One of my main tasks was to edit the two pages in the
Backhomer
devoted to “Lost Newfoundlanders,” Newfoundlanders missing in action, so to speak. Any Newfoundlander trying to track down a long-lost relative could write the
Backhomer
and have their letters and a photograph of their “lost” loved one printed in this section. “Anyone knowing the whereabouts” was how most of
them began. Often, the most recent photographs were taken fifty years ago, daguerrotypes in which the men — it was usually men who were missing — all looked alike.

There was a woman looking for her brother, whom she had not heard from since 1898. Along with a letter written by her daughter was a portrait photograph of one Joe Marsh sitting in a high-backed wicker chair, looking done up for some special occasion, wearing a suit, arms folded, head thrown slightly back, his expression that of someone who had no intention of living out his life in Hickman’s Harbour. I imagined him now at forty-six coming across this picture of himself at twenty-one. I chose as the caption a sentence from the letter written by his sister: “WHERE ARE YOU, JOE? Last reported sighting twenty-five years ago. In 1898, left Hickman’s Harbour with Captain Ed Vardy on a boat bound for St. John’s. Went from there to Montreal. Dropped out of sight ten years later. Not seen since. What happened to him torments me to this day.”

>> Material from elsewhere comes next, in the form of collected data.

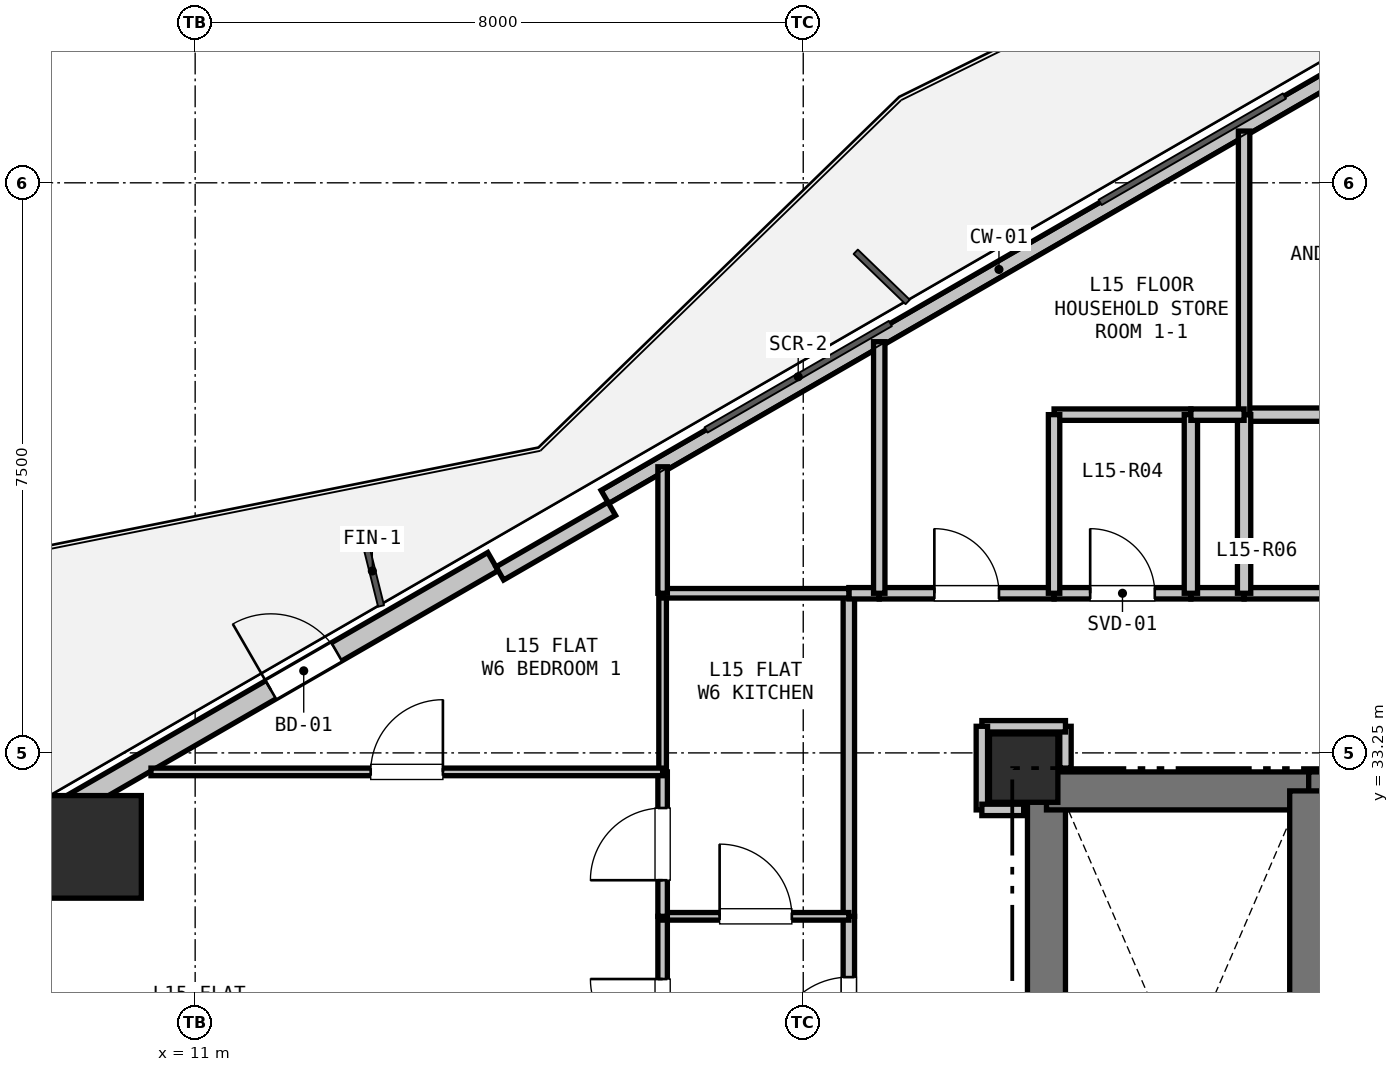
"""IFC4 building model, lengths in metres.
Left out: names, types, materials, properties, quantities, classifications, styles, units other than length and angle.
Written with IfcOpenShell. Run it as: python <this file> out.ifc"""

import sys

from ifc_helpers import new_model, si_unit, direction, frame, frame_2d, origin, origin_2d, place, context, subcontext, project, spatial, rectangle, hollow_rectangle, extrude, element, fill, save


model = new_model("IFC4")
c1 = context("Model", 3, precision=1e-05, world=origin(), true_north=direction((0.0, 1.0)))
c2 = subcontext(c1, "Body", "Model", "MODEL_VIEW")
j1 = project(units=[si_unit("LENGTHUNIT", "METRE"), si_unit("PLANEANGLEUNIT", "RADIAN")], contexts=[c1])
p1 = place(None, origin())
s1 = spatial("IfcSite", under=j1, at=p1, CompositionType="ELEMENT")
p2 = place(p1, origin())
s2 = spatial("IfcBuilding", under=s1, at=p2, CompositionType="ELEMENT")
p3 = place(p2, frame((0.0, 0.0, 55.5)))
s3 = spatial("IfcBuildingStorey", under=s2, at=p3, CompositionType="ELEMENT", Elevation=55.5)
p4 = place(p3, frame((21.9, 33.05, 0.0), z_axis=(0.0, 0.0, 1.0), x_axis=(1.0, 0.0, 0.0)))
e1 = element("IfcColumn", 1, at=p4, inside=s3, PredefinedType="COLUMN", context=c2, shape_type="SweptSolid", body=[
    extrude(rectangle(XDim=0.9, YDim=0.9, at=origin_2d()), origin(), (0.0, 0.0, 1.0), 3.3),
])
p5 = place(p3, frame((9.617, 32.014, 0.0), z_axis=(0.0, 0.0, 1.0), x_axis=(1.0, 0.0, 0.0)))
e2 = element("IfcColumn", 2, at=p5, inside=s3, PredefinedType="COLUMN", context=c2, shape_type="SweptSolid", body=[
    extrude(hollow_rectangle(XDim=1.35, YDim=1.35, WallThickness=0.036, at=origin_2d()), origin(), (0.0, 0.0, 1.0), 3.3),
])
p6 = place(p3, frame((3.943, 29.431, 0.0), z_axis=(0.0, 0.0, 1.0), x_axis=(0.866027105532, 0.499997052475, 0.0)))
e3 = element("IfcWall", 3, at=p6, inside=s3, PredefinedType="SOLIDWALL", context=c2, shape_type="SweptSolid", body=[
    extrude(rectangle(XDim=12.673, YDim=0.275, at=frame_2d((6.336, 0.0))), origin(), (0.0, 0.0, 1.0), 2.66),
])
p7 = place(p6, frame((9.298, 0.0, 0.0)))
e4 = element("IfcOpeningElement", 4, at=p7, cuts=e3, PredefinedType="OPENING", context=c2, shape_type="SweptSolid", body=[
    extrude(rectangle(XDim=1.0, YDim=2.1, at=frame_2d((0.5, 1.05))), frame((0.0, 0.147, 0.0), z_axis=(0.0, -1.0, 0.0), x_axis=(1.0, 0.0, 0.0)), (0.0, 0.0, 1.0), 0.295),
])
p8 = place(p3, frame((16.39, 36.617, 0.0), z_axis=(0.0, 0.0, 1.0), x_axis=(0.866027351828, 0.499996625875, 0.0)))
e5 = element("IfcWall", 5, at=p8, inside=s3, PredefinedType="PARAPET", context=c2, shape_type="SweptSolid", body=[
    extrude(rectangle(XDim=11.973, YDim=0.2, at=frame_2d((5.987, 0.0))), origin(), (0.0, 0.0, 1.0), 0.2),
])
p9 = place(p3, frame((15.008, 35.611, 0.0), z_axis=(0.0, 0.0, 1.0), x_axis=(0.86605165483, 0.499954529098, 0.0)))
e6 = element("IfcWall", 6, at=p9, inside=s3, PredefinedType="PARAPET", context=c2, shape_type="SweptSolid", body=[
    extrude(rectangle(XDim=1.7, YDim=0.2, at=frame_2d((0.85, 0.0))), origin(), (0.0, 0.0, 1.0), 2.66),
])
p10 = place(p3, frame((22.2, 25.4, 0.0), z_axis=(0.0, 0.0, 1.0), x_axis=(0.0, 1.0, 0.0)))
e7 = element("IfcWall", 7, at=p10, inside=s3, PredefinedType="SHEAR", context=c2, shape_type="SweptSolid", body=[
    extrude(rectangle(XDim=7.35, YDim=0.5, at=frame_2d((3.675, 0.0))), origin(), (0.0, 0.0, 1.0), 3.04),
])
p11 = place(p3, frame((22.2, 32.75, 0.0), z_axis=(0.0, 0.0, 1.0), x_axis=(1.0, 0.0, 0.0)))
e8 = element("IfcWall", 8, at=p11, inside=s3, PredefinedType="SHEAR", context=c2, shape_type="SweptSolid", body=[
    extrude(rectangle(XDim=3.45, YDim=0.5, at=frame_2d((1.725, 0.0))), origin(), (0.0, 0.0, 1.0), 3.04),
])
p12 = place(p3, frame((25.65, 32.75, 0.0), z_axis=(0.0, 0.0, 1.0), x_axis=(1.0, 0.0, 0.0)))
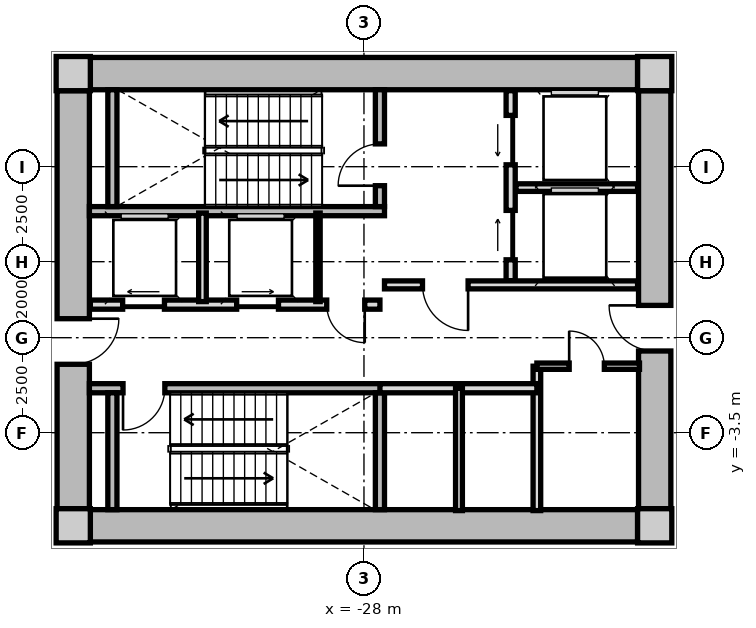
"""IFC4 building model, lengths in metres.
Left out: names, types, materials, properties, quantities, classifications, styles, units other than length and angle.
Written with IfcOpenShell. Run it as: python <this file> out.ifc"""

import sys

from ifc_helpers import new_model, si_unit, direction, frame, frame_2d, origin, origin_2d, place, context, subcontext, project, spatial, rectangle, extrude, source, transform, mapped, element, fill, save


model = new_model("IFC4")
c1 = context("Model", 3, precision=1e-05, world=origin(), true_north=direction((0.0, 1.0)))
c2 = subcontext(c1, "Body", "Model", "MODEL_VIEW")
j1 = project(units=[si_unit("LENGTHUNIT", "METRE"), si_unit("PLANEANGLEUNIT", "RADIAN")], contexts=[c1])
p1 = place(None, origin())
s1 = spatial("IfcSite", under=j1, at=p1, CompositionType="ELEMENT")
p2 = place(p1, origin())
s2 = spatial("IfcBuilding", under=s1, at=p2, CompositionType="ELEMENT")
p3 = place(p2, frame((0.0, 0.0, 4.2)))
s3 = spatial("IfcBuildingStorey", under=s2, at=p3, CompositionType="ELEMENT", Elevation=4.2)
m1 = source(origin(), c2, "Body", "SweptSolid", [
    extrude(rectangle(XDim=0.9, YDim=0.9, at=origin_2d()), origin(), (0.0, 0.0, 1.0), 4.2),
])
for number, where, z_axis, x_axis in (
    (1, (-35.65, -5.95, 0.0), (0.0, 0.0, 1.0), (1.0, 0.0, 0.0)),
    (2, (-20.35, -5.95, 0.0), (0.0, 0.0, 1.0), (1.0, 0.0, 0.0)),
    (3, (-20.35, 5.95, 0.0), (0.0, 0.0, 1.0), (1.0, 0.0, 0.0)),
    (4, (-35.65, 5.95, 0.0), (0.0, 0.0, 1.0), (1.0, 0.0, 0.0)),
):
    element("IfcColumn", number, at=place(p3, frame(where, z_axis=z_axis, x_axis=x_axis)), inside=s3, PredefinedType="COLUMN", context=c2, shape_type="MappedRepresentation", body=[
        mapped(m1, transform((0.0, 0.0, 0.0), x_axis=(1.0, 0.0, 0.0), y_axis=(0.0, 1.0, 0.0), z_axis=(0.0, 0.0, 1.0), scale=1.0)),
    ])
m2 = source(origin(), c2, "Body", "SweptSolid", [
    extrude(rectangle(XDim=14.4, YDim=0.85, at=frame_2d((7.2, 0.0))), origin(), (0.0, 0.0, 1.0), 3.88),
])
for number, where, z_axis, x_axis in (
    (5, (-35.2, 5.95, 0.0), (0.0, 0.0, 1.0), (1.0, 0.0, 0.0)),
    (6, (-20.8, -5.95, 0.0), (0.0, 0.0, 1.0), (-1.0, 0.0, 0.0)),
):
    element("IfcWall", number, at=place(p3, frame(where, z_axis=z_axis, x_axis=x_axis)), inside=s3, PredefinedType="SHEAR", context=c2, shape_type="MappedRepresentation", body=[
        mapped(m2, transform((0.0, 0.0, 0.0), x_axis=(1.0, 0.0, 0.0), y_axis=(0.0, 1.0, 0.0), z_axis=(0.0, 0.0, 1.0), scale=1.0)),
    ])
m3 = source(origin(), c2, "Body", "SweptSolid", [
    extrude(rectangle(XDim=11.0, YDim=0.85, at=frame_2d((5.5, 0.0))), origin(), (0.0, 0.0, 1.0), 3.88),
])
p4 = place(p3, frame((-35.65, -5.5, 0.0), z_axis=(0.0, 0.0, 1.0), x_axis=(0.0, 1.0, 0.0)))
e7 = element("IfcWall", 7, at=p4, inside=s3, PredefinedType="SHEAR", context=c2, shape_type="MappedRepresentation", body=[
    mapped(m3, transform((0.0, 0.0, 0.0), x_axis=(1.0, 0.0, 0.0), y_axis=(0.0, 1.0, 0.0), z_axis=(0.0, 0.0, 1.0), scale=1.0)),
])
p5 = place(p4, frame((3.8, 0.0, 0.0)))
e8 = element("IfcOpeningElement", 8, at=p5, cuts=e7, PredefinedType="OPENING", context=c2, shape_type="SweptSolid", body=[
    extrude(rectangle(XDim=1.2, YDim=2.15, at=frame_2d((0.6, 1.075))), frame((0.0, 0.435, 0.0), z_axis=(0.0, -1.0, 0.0), x_axis=(1.0, 0.0, 0.0)), (0.0, 0.0, 1.0), 0.87),
])
p6 = place(p3, frame((-20.35, 5.5, 0.0), z_axis=(0.0, 0.0, 1.0), x_axis=(0.0, -1.0, 0.0)))
e9 = element("IfcWall", 9, at=p6, inside=s3, PredefinedType="SHEAR", context=c2, shape_type="MappedRepresentation", body=[
    mapped(m3, transform((0.0, 0.0, 0.0), x_axis=(1.0, 0.0, 0.0), y_axis=(0.0, 1.0, 0.0), z_axis=(0.0, 0.0, 1.0), scale=1.0)),
])
p7 = place(p6, frame((5.65, 0.0, 0.0)))
e10 = element("IfcOpeningElement", 10, at=p7, cuts=e9, PredefinedType="OPENING", context=c2, shape_type="SweptSolid", body=[
    extrude(rectangle(XDim=1.2, YDim=2.15, at=frame_2d((0.6, 1.075))), frame((0.0, 0.435, 0.0), z_axis=(0.0, -1.0, 0.0), x_axis=(1.0, 0.0, 0.0)), (0.0, 0.0, 1.0), 0.87),
])
m4 = source(origin(), c2, "Body", "SweptSolid", [
    extrude(rectangle(XDim=7.765, YDim=0.24, at=frame_2d((3.883, 0.0))), origin(), (0.0, 0.0, 1.0), 3.88),
])
p8 = place(p3, frame((-35.225, 2.33, 0.0), z_axis=(0.0, 0.0, 1.0), x_axis=(1.0, 0.0, 0.0)))
e11 = element("IfcWall", 11, at=p8, inside=s3, PredefinedType="PARTITIONING", context=c2, shape_type="MappedRepresentation", body=[
    mapped(m4, transform((0.0, 0.0, 0.0), x_axis=(1.0, 0.0, 0.0), y_axis=(0.0, 1.0, 0.0), z_axis=(0.0, 0.0, 1.0), scale=1.0)),
])
m5 = source(origin(), c2, "Body", "SweptSolid", [
    extrude(rectangle(XDim=3.075, YDim=0.24, at=frame_2d((1.538, 0.0))), origin(), (0.0, 0.0, 1.0), 3.88),
])
p9 = place(p3, frame((-34.62, 2.45, 0.0), z_axis=(0.0, 0.0, 1.0), x_axis=(0.0, 1.0, 0.0)))
e12 = element("IfcWall", 12, at=p9, inside=s3, PredefinedType="PARTITIONING", context=c2, shape_type="MappedRepresentation", body=[
    mapped(m5, transform((0.0, 0.0, 0.0), x_axis=(1.0, 0.0, 0.0), y_axis=(0.0, 1.0, 0.0), z_axis=(0.0, 0.0, 1.0), scale=1.0)),
])
p10 = place(p3, frame((-27.58, 2.45, 0.0), z_axis=(0.0, 0.0, 1.0), x_axis=(0.0, 1.0, 0.0)))
e13 = element("IfcWall", 13, at=p10, inside=s3, PredefinedType="PARTITIONING", context=c2, shape_type="MappedRepresentation", body=[
    mapped(m5, transform((0.0, 0.0, 0.0), x_axis=(1.0, 0.0, 0.0), y_axis=(0.0, 1.0, 0.0), z_axis=(0.0, 0.0, 1.0), scale=1.0)),
])
p11 = place(p10, frame((0.55, 0.0, 0.0)))
e14 = element("IfcOpeningElement", 14, at=p11, cuts=e13, PredefinedType="OPENING", context=c2, shape_type="SweptSolid", body=[
    extrude(rectangle(XDim=1.1, YDim=2.15, at=frame_2d((0.55, 1.075))), frame((0.0, 0.13, 0.0), z_axis=(0.0, -1.0, 0.0), x_axis=(1.0, 0.0, 0.0)), (0.0, 0.0, 1.0), 0.26),
])
p12 = place(p3, frame((-35.225, -2.33, 0.0), z_axis=(0.0, 0.0, 1.0), x_axis=(1.0, 0.0, 0.0)))
e15 = element("IfcWall", 15, at=p12, inside=s3, PredefinedType="PARTITIONING", context=c2, shape_type="MappedRepresentation", body=[
    mapped(m4, transform((0.0, 0.0, 0.0), x_axis=(1.0, 0.0, 0.0), y_axis=(0.0, 1.0, 0.0), z_axis=(0.0, 0.0, 1.0), scale=1.0)),
])
p13 = place(p12, frame((0.885, 0.0, 0.0)))
e16 = element("IfcOpeningElement", 16, at=p13, cuts=e15, PredefinedType="OPENING", context=c2, shape_type="SweptSolid", body=[
    extrude(rectangle(XDim=1.1, YDim=2.15, at=frame_2d((0.55, 1.075))), frame((0.0, 0.13, 0.0), z_axis=(0.0, -1.0, 0.0), x_axis=(1.0, 0.0, 0.0)), (0.0, 0.0, 1.0), 0.26),
])
for number, where, z_axis, x_axis in (
    (17, (-34.62, -5.525, 0.0), (0.0, 0.0, 1.0), (0.0, 1.0, 0.0)),
    (18, (-27.58, -5.525, 0.0), (0.0, 0.0, 1.0), (0.0, 1.0, 0.0)),
):
    element("IfcWall", number, at=place(p3, frame(where, z_axis=z_axis, x_axis=x_axis)), inside=s3, PredefinedType="PARTITIONING", context=c2, shape_type="MappedRepresentation", body=[
        mapped(m5, transform((0.0, 0.0, 0.0), x_axis=(1.0, 0.0, 0.0), y_axis=(0.0, 1.0, 0.0), z_axis=(0.0, 0.0, 1.0), scale=1.0)),
    ])
m6 = source(origin(), c2, "Body", "SweptSolid", [
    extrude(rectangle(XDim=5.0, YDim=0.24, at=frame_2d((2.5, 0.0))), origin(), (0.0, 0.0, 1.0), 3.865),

“Where are you, Joe?” There was something morbidly attractive about the idea of dropping out of sight and coming across thirty years from now, in a paper like the
Backhomer
, a picture of me as I was when I was twenty-four, accompanied by a letter from Fielding or my mother begging anyone who knew my whereabouts to get in touch. For a clean getaway, I would have to do little more than change my name.

Fielding’s Condensed
      
History of Newfoundland

Chapter Eleven:

OSBORNE AND BEAUCLERK

In 1729, the West Country merchants convince King George II that because of the state of lawlessness among its permanent residents, Newfoundland needs a governor. They suggest the appointment to the post of the present commodore of the Newfoundland fishery, Lord Vere Beauclerk.

In response to requests from resident Newfoundlanders for the appointment of a civilian governor, the king compromises and chooses Lord Vere Beauclerk, acknowledging that while he is not a civilian, any Newfoundlander who wishes to think of him as one is free to do so. (Thus begins a tradition, which will last almost one hundred years, of filling the civilian post of governor with non-civilians.)

When it is found that if Beauclerk accepts the position, he will be constitutionally required to resign his seat in the British Parliament — which, out of loyalty to the king, he is loath to do — Beauclerk declines the appointment. Once again the king steps in and saves the day, announcing that navy commander Henry Osborne will
be the governor, but that Beauclerk will go with him and tell him what to do.

Neither Osborne nor Beauclerk winter in Newfoundland. Osborne’s first priority is to build a courthouse. No courthouse is built, but two jailhouses are, and stocks proliferate throughout the city of St. John’s.

Osborne appoints justices of the peace, choosing them from among resident Newfoundlanders. They come into conflict with the fishing admirals, who do not recognize their authority, deeming them to be illiterate and uneducated.

Luckily, there are soon a sufficient number of West Country merchants living in Newfoundland that a pool of men whose degree of literacy is such as to satisfy the admirals is established, and from this pool justices are chosen.

In spite of this and many other such advances, the judicial system still has its flaws. But slowly it evolves. The expensive and time-consuming process of transporting suspects to England to be tried is discontinued. No longer do ships packed with suspects and witnesses set sail for England in the fall. No longer do ships packed with witnesses set sail from England in the spring.